Он не мог понять, как испытывал злобу, а как увидел, что ее несут некто трое, так все в нем уже завыло, застонало от ярости. Надо было видеть это стремительное движенье темно-серых клубов над их головами и причудливую игру теней, и слышать надрывные завыванья ветра, чтобы понять, почему он принял трех братьев за отвратительное чудище, которое тащило истерзанное, но несомненно живое тело Вероники. Ужас, отвращение, боль от этого виденья была столь велика, что горбатый выронил ребенка, попятился на несколько шагов, но тут же — сжал кулаки и бросился на чудище.

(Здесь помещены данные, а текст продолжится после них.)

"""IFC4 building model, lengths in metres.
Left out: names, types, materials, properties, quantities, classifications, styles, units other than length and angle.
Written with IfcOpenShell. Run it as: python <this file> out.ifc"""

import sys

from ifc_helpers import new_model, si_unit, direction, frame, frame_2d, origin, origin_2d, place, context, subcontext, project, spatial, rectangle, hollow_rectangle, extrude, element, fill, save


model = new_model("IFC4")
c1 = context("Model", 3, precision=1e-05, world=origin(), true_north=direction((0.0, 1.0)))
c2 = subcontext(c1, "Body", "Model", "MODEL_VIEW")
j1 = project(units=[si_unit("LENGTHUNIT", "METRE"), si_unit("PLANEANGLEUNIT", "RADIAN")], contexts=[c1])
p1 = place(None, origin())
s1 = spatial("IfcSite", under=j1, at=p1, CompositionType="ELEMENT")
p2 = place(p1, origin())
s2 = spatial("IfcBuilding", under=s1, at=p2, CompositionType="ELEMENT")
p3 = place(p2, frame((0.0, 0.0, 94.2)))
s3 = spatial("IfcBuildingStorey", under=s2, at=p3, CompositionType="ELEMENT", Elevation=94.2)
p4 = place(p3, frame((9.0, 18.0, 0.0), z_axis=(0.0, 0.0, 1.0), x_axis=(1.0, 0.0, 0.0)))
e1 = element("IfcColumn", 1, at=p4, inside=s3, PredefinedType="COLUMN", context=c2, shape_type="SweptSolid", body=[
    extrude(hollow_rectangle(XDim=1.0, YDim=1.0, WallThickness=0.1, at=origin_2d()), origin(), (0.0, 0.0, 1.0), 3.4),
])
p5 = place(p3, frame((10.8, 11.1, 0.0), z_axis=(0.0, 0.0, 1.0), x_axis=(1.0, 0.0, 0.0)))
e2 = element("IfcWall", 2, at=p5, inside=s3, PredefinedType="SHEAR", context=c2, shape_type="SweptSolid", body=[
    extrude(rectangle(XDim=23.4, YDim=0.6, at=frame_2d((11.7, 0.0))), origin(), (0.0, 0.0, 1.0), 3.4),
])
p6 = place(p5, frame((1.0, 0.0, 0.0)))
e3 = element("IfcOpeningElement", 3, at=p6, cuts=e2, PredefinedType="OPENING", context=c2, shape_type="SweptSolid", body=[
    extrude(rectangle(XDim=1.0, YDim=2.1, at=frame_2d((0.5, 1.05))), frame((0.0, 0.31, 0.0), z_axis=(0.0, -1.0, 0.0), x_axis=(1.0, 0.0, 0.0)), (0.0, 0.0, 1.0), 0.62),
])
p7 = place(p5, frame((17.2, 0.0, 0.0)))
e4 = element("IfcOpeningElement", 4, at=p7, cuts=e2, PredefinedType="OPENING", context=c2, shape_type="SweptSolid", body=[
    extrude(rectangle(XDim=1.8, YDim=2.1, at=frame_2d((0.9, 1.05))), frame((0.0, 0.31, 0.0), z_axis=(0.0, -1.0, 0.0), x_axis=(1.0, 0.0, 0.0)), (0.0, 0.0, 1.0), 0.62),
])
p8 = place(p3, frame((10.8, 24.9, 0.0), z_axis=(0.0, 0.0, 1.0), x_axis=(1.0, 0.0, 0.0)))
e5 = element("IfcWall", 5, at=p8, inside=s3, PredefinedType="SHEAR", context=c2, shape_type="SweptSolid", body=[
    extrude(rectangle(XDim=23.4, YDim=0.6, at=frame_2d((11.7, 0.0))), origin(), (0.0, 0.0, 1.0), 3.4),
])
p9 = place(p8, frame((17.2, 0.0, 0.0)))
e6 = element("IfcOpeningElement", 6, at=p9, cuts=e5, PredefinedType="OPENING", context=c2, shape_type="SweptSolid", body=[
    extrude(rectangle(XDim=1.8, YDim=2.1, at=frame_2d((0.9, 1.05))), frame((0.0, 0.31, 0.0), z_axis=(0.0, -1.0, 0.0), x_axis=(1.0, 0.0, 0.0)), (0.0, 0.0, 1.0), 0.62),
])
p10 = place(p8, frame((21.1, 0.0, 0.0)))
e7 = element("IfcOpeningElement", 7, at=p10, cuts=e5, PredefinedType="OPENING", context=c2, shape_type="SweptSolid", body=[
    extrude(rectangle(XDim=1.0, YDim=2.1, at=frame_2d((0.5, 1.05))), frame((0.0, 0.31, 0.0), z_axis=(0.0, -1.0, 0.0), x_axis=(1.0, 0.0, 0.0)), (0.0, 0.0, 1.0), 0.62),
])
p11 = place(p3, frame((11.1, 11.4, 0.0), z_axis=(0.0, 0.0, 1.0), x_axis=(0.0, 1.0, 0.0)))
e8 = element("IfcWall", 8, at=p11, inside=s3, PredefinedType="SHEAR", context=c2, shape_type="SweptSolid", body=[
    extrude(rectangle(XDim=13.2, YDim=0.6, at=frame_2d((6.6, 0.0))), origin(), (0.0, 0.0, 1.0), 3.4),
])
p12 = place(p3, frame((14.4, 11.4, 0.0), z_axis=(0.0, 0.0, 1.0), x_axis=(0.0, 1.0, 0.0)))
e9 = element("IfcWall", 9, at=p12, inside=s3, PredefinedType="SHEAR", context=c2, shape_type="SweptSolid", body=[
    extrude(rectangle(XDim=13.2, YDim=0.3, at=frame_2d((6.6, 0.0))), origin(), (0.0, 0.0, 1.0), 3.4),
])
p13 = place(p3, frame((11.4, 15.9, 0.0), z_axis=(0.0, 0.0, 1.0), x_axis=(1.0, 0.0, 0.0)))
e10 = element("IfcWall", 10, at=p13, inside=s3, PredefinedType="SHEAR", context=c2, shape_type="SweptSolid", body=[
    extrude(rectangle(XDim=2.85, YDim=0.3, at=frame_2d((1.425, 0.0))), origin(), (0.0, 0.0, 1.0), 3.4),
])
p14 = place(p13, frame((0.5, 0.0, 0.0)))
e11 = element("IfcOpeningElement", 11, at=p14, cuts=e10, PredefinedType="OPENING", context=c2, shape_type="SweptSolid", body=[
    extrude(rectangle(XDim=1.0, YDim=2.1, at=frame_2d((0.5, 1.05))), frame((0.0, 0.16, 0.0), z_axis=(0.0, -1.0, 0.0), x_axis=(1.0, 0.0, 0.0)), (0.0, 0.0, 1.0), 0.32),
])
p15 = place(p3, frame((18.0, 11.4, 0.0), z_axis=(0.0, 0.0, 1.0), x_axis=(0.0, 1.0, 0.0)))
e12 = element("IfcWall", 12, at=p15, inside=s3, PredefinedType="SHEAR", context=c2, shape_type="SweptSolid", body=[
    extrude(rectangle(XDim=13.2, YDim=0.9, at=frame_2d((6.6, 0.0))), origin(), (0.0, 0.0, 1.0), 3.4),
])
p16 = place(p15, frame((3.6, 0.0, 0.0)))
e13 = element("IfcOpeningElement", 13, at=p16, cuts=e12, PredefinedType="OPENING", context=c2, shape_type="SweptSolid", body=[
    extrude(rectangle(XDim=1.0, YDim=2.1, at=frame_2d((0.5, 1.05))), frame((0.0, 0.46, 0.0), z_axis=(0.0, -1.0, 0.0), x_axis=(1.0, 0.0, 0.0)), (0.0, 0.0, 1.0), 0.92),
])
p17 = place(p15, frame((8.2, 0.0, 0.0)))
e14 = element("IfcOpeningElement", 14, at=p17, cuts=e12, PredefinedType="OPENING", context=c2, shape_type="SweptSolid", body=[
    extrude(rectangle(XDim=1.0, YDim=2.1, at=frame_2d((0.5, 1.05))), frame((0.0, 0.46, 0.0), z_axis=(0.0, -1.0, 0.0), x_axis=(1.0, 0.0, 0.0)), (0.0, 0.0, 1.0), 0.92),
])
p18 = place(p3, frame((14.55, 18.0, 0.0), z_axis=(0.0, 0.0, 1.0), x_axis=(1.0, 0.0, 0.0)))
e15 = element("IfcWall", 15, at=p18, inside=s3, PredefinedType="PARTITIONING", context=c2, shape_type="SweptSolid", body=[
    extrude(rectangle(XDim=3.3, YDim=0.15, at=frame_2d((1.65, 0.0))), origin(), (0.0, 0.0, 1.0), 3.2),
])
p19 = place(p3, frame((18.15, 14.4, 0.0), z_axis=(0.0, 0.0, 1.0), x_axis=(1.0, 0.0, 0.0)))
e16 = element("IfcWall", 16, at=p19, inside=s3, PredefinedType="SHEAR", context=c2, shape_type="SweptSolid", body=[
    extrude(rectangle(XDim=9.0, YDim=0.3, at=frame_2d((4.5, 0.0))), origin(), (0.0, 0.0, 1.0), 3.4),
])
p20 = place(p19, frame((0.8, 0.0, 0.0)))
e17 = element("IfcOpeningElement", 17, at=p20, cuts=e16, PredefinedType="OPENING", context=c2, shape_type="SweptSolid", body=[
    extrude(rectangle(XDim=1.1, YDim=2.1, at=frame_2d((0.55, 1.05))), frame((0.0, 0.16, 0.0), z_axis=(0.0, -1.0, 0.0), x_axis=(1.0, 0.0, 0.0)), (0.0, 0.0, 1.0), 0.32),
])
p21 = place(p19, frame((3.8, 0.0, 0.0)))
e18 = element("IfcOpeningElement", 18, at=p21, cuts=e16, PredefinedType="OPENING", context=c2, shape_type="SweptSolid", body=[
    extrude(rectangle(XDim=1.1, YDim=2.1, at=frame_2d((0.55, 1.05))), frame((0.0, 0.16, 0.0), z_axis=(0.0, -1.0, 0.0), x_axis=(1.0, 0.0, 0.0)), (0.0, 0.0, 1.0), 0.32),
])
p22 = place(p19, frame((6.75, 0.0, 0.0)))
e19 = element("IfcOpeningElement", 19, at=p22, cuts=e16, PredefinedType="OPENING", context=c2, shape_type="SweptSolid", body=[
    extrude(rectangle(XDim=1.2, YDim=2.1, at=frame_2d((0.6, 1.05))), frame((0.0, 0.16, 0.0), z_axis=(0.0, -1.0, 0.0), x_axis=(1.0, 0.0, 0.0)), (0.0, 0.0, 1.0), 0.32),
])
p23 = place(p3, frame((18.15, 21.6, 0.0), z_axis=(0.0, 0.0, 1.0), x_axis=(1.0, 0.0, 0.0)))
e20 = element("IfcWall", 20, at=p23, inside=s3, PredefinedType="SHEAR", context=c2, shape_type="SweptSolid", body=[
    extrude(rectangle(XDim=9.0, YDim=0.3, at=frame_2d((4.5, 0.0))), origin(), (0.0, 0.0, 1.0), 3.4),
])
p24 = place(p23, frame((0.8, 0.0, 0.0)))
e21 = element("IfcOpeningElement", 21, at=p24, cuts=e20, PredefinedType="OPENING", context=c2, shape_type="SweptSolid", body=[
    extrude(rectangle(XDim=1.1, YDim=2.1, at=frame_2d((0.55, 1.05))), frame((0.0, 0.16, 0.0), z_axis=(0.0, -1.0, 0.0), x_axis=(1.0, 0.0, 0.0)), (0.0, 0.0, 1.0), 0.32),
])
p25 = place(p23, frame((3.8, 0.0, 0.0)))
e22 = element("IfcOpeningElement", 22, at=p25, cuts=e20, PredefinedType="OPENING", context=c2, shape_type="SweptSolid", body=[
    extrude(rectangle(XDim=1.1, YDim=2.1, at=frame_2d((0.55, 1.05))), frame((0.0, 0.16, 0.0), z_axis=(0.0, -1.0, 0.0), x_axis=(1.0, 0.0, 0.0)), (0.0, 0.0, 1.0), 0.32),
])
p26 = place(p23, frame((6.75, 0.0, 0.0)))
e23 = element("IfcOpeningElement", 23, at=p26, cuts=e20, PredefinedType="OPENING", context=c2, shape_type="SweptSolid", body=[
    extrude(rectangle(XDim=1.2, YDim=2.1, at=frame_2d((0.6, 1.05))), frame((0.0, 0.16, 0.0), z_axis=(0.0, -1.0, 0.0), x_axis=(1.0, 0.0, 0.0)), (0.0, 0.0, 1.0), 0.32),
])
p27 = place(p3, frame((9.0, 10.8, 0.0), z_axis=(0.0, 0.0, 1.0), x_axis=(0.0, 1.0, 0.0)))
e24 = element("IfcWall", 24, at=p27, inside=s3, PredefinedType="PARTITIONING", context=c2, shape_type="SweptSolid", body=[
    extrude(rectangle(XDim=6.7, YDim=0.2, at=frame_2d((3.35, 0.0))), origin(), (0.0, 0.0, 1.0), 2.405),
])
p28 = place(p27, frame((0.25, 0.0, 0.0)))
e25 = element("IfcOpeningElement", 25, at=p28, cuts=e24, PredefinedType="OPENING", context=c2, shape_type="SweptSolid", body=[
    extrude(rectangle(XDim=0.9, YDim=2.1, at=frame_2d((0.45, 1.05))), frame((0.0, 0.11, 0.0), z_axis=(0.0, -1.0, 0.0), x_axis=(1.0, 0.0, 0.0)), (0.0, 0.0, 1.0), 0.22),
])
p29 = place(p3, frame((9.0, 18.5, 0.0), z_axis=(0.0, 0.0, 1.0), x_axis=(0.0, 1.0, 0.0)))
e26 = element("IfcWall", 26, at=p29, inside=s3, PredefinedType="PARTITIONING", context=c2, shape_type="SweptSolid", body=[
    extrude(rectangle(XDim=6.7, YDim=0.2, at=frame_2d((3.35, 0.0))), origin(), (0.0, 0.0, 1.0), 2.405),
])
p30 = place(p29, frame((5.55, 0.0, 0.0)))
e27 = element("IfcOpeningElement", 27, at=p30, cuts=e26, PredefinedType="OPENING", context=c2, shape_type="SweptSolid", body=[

А Вероника уже увидела ребенка, вскрикнула, когда повалился он в грязь, и сама вся потянулась к нему, если бы была птицей, так полетела бы, нежными крыльями объяла, унесла бы прочь, от этого страшного места. И братья, едва не выпустили Ее — настолько немыслимым казалось противится любой ее воли. Нет — они, все-таки, удержали ее, но сами бросились вперед, где и налетел на них горбатый. Он, ослепленный злобой, по прежнему видел только отвратительное чудище, и вот размахнулся, и нанес сильный удар, который пришелся по лицу Рэниса — у того были выбиты два или три зуба, однако — он тут же замахнулся, нанес ответный удар. Еще горбатого ударил Ринэм, а Робин, чувствуя, что то страшное, чего он ждал уже очень долгое время, неожиданно оказалось прямо перед ним — стал молить пронзительным, болезненным, готовым перейти в исступленный вопль голосом, чтобы горбатый не делал Ей плохо — он лепетал что-то про то, что готов отдать свою жизнь… конечно, горбатый этого не слышал — когда на него обрушились удары, он ужаснулся, что может потерять силы, и тогда Она окажется без всякой помощи. И вот, жаждя только подальше Ее от этого ужаса увести, он перехватил ее за руку, и с силой дернул — дернул так, что вывихнул, едва не сломал эту хрупкую ручку, но она, конечно, не о своей боли думала, а маленьком, на которого уже несколько раз налетали, но он, уже видя Ее, и от этого черпая силы, каждый раз находил силы подняться, и даже сделать шажок на слабеньких ножках навстречу — она все шептала ему какие-то нежные слова, и он слышал ее, пытался засмеяться, да не мог, так как очень уж страшно было, и он, все-таки, не мог сдержать слезы.